B區方向傳來嘈雜聲,女孩們被緊急疏散,哭喊聲在暴雨中隱約可聞。

“她們怎麼辦?”傅涵問。

簡晗煜的腳步沒有停下來,只是輕描淡寫地說了一句:“吳昂會處理。”

但傅涵看見,吳昂正指揮手下搬運幾個保險箱,對B區的混亂視而不見。

車已經準備好,但不是那輛SUV,而是一輛越野車。

阿泰開車,簡晗煜和傅涵坐後座,另外兩個保鏢擠在前排。

車駛出白樓時,傅涵回頭看了一眼。

洪水已經漫進園區。

渾濁的水從大門縫隙涌入,迅速吞噬低窪地帶。

B區的女孩們像受驚的羊群,被驅趕着往高處跑,但高處有限,有人被擠倒,有人摔進水裏。

“簡先生!”傅涵抓住簡晗煜的手臂:“她們——”

“管不了。”

簡晗煜看着前方,聲音冰冷:“我們能走掉,已經很不容易了。”

車艱難地在積水中行駛。

水位迅速上漲,很快淹過輪胎的一半。

阿泰把車開到最高處,沖向園區後門,那裏地勢稍高,有一條通往山區的土路。

但後門也被水圍困。

守衛正在用沙袋堵門,但水流太急,沙袋很快被沖散。

“沖過去!”簡晗煜命令。

阿泰踩下油門,車像船一樣沖進水裏。

水花四濺,引擎發出沉悶的吼聲。

車撞開後門的障礙,沖上土路。

傅涵回頭,看見園區在身後迅速變小。燈光在雨幕中模糊,像沉沒前的最後呼救。

土路泥濘不堪,車打滑了幾次,差點翻進路邊的溝裏。

阿泰技術高超,勉強控制住。

但前方出現了更大的問題——山體滑坡。

泥土和石塊混着雨水從山坡滾落,堵住了去路。

“下車!”簡晗煜打開車門:“步行上山!”

雨大得睜不開眼。

傅涵跟着下車,泥水瞬間淹沒腳踝。

阿泰和保鏢從後備箱拿出裝備:雨衣、手電、還有武器。

“走!”

簡晗煜拉起傅涵的手,往山坡上爬。

山坡陡峭,植被溼滑。

傅涵幾次摔倒,都被簡晗煜拉起。

泥水灌進鞋裏,衣服溼透緊貼身體,冷得她牙齒打顫。

他們爬了約半小時,才找到了一個相對平緩的平台。

簡晗煜示意休息。

傅涵靠在一塊岩石上喘氣。

她看向來路,園區已經完全看不見了,只有一片汪洋在雨中翻騰。

閃電劃過天空,瞬間照亮天地——渾濁的水面上,漂浮着雜物,還有屍體……

她不敢細看。

“我們會死在這裏嗎?”

她問,聲音被雨聲吞沒大半。

簡晗煜站在她旁邊,雨衣兜帽下,他的臉在閃電中明滅。

“不會。

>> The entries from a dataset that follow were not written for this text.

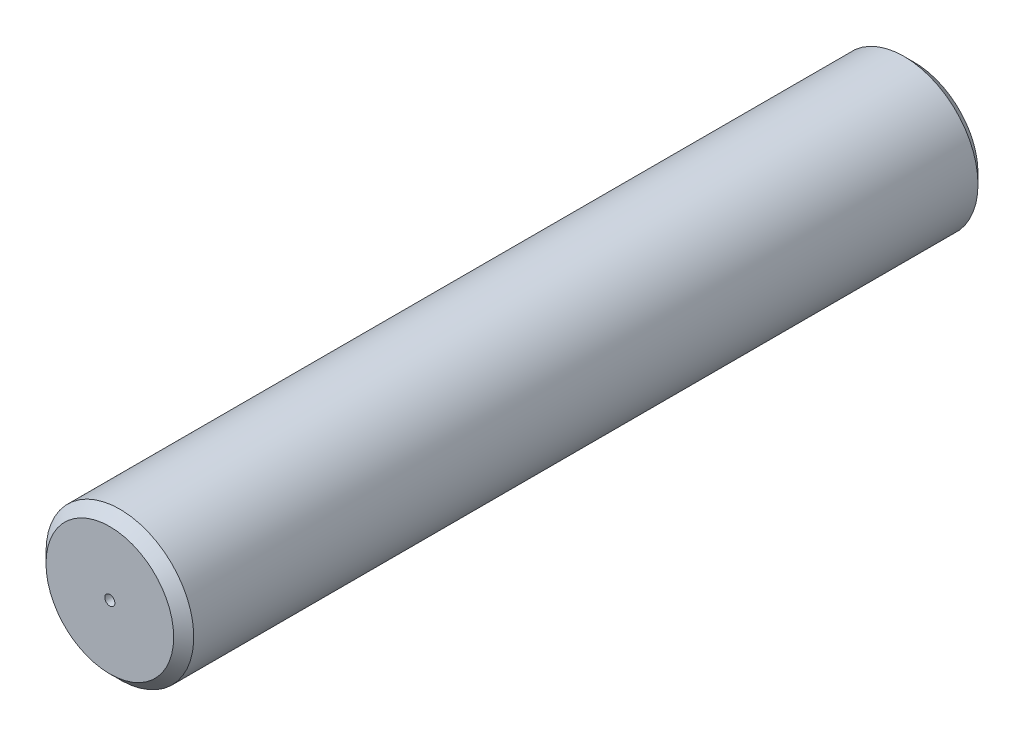
from build123d import *

# Parameters (mm, degrees)
SKETCH1_R               = 3.674588618
BOSS_EXTRUDE1_DEPTH     = 20
CHAMFER2_SIZE           = 0.5
SKETCH2_R               = 0.25
CUT_EXTRUDE1_DEPTH      = 1
CUT_EXTRUDE1_DRAFT      = -3
MIRROR1_COPY_1_SKETCH_R = 0.25
MIRROR1_COPY_1_DEPTH    = 1
MIRROR1_COPY_1_DRAFT    = -3


with BuildPart() as part:
    # Sketch1 → Boss-Extrude1 (new, symmetric)
    with BuildSketch(Plane.XY):
        with Locations(Location((-27.065651732, 0, 0), (0, 0, 180))):
            Circle(SKETCH1_R)
    extrude(amount=BOSS_EXTRUDE1_DEPTH, both=True)

    # Chamfer2
    chamfer2_edges = [part.edges().sort_by_distance(p)[0] for p in [
        (-23.391063114, 0, -20),
        (-23.391063114, 0, 20),
    ]]
    chamfer(chamfer2_edges, length=CHAMFER2_SIZE)


with BuildPart() as cut_extrude1_tool:
    # Sketch2 → Cut-Extrude1 (with draft: the straight prism first)
    with BuildSketch(Plane.XY.offset(20)):
        with Locations((-27.065651732, 0)):
            Circle(SKETCH2_R)
    extrude(amount=-CUT_EXTRUDE1_DEPTH)
    # Cut-Extrude1: the draft: its side faces are tilted about the plane it starts from
    cut_extrude1_sides = [cut_extrude1_tool.faces().sort_by_distance(p)[0] for p in [
        (-27.315651732, 0, 19.5),
    ]]
    draft(cut_extrude1_sides, Plane.XY.offset(20), CUT_EXTRUDE1_DRAFT)


with BuildPart() as part_1:
    add(part.part)

    # Cut-Extrude1: cut by cut_extrude1_tool
    add(cut_extrude1_tool.part, mode=Mode.SUBTRACT)


with BuildPart() as mirror1_copy_1_tool:
    # Mirror1 copy 1 sketch → Mirror1 copy 1 (with draft: the straight prism first)
    with BuildSketch(Plane(origin=(0, 0, -20), x_dir=(1, 0, 0), z_dir=(0, 0, -1))):
        with Locations((-27.065651732, 0)):
            Circle(MIRROR1_COPY_1_SKETCH_R)
    extrude(amount=-MIRROR1_COPY_1_DEPTH)
    # Mirror1 copy 1: the draft: its side faces are tilted about the plane it starts from
    mirror1_copy_1_sides = [mirror1_copy_1_tool.faces().sort_by_distance(p)[0] for p in [
        (-27.315651732, 0, -19.5),
    ]]
    draft(mirror1_copy_1_sides, Plane(origin=(0, 0, -20), x_dir=(1, 0, 0), z_dir=(0, 0, -1)), MIRROR1_COPY_1_DRAFT)


with BuildPart() as part_2:
    add(part_1.part)

    # Mirror1 copy 1: cut by mirror1_copy_1_tool
    add(mirror1_copy_1_tool.part, mode=Mode.SUBTRACT)


solid = part_2.part

”

他說得篤定,但傅涵看見他握着手電的手指節已經發白了。

阿泰和保鏢在周圍警戒。

雨聲太大,說話都要喊。

“簡先生!”

阿泰喊:“前面有個山洞!可以避雨!”

簡晗煜點頭,拉起傅涵:“走。”

山洞不大,但足夠容納幾人。

裏面燥,有動物糞便和枯草的味道。

阿泰用枯枝生了一小堆火,驅散寒意和黑暗。

傅涵脫下溼透的外套,靠近火堆。

火光在她臉上跳躍,她看見簡晗煜在檢查裝備:兩把、一把沖鋒槍、還有幾個彈夾。

“會有危險嗎?”她問。

“洪水會引來野獸,也會引來趁火打劫的人。”

簡晗煜擦拭槍械,動作熟練:“我們必須待到天亮。”

傅涵抱緊膝蓋,看着火堆。

她想起園區裏的那些人,那些B區的女孩,頌恩的妹妹,還有瑪丹……

“他們會怎麼樣?”她輕聲問。

簡晗煜沉默了很久。

“看命。”

又是這句話。在這裏,所有人的命運都交給“命”。

夜深了,雨勢漸小,變成淅淅瀝瀝的雨絲。

山洞外傳來各種聲音:野獸的嚎叫、樹枝折斷的聲音、還有隱約的槍聲……

阿泰和保鏢立刻警覺,握緊武器。

簡晗煜示意傅涵躲到山洞深處。

槍聲越來越近,還夾雜着人的叫喊和奔跑聲。

“待在這裏,別出來。”

簡晗煜對傅涵說,然後和阿泰交換眼神,兩人悄悄摸向洞口。

傅涵躲在岩石後,心髒狂跳。

她摸向背包裏的匕首,握緊。

洞外傳來對話聲,用的是當地語言,傅涵聽不懂。

但她聽見簡晗煜的聲音,冷靜而威嚴。

突然,一聲槍響!

傅涵渾身一顫。

接着是更多的槍聲,還有慘叫聲。

戰鬥持續了幾分鍾,然後安靜下來。

傅涵握緊匕首,準備隨時拼命。

但走進山洞的,是簡晗煜。

他肩膀受傷了,鮮血浸透襯衫。

但他表情平靜,手裏拿着還在冒煙的槍。

“解決了。”他說:“幾個想趁亂打劫的流民。”

阿泰和保鏢跟進,也受了輕傷。

他們處理傷口,重新警戒。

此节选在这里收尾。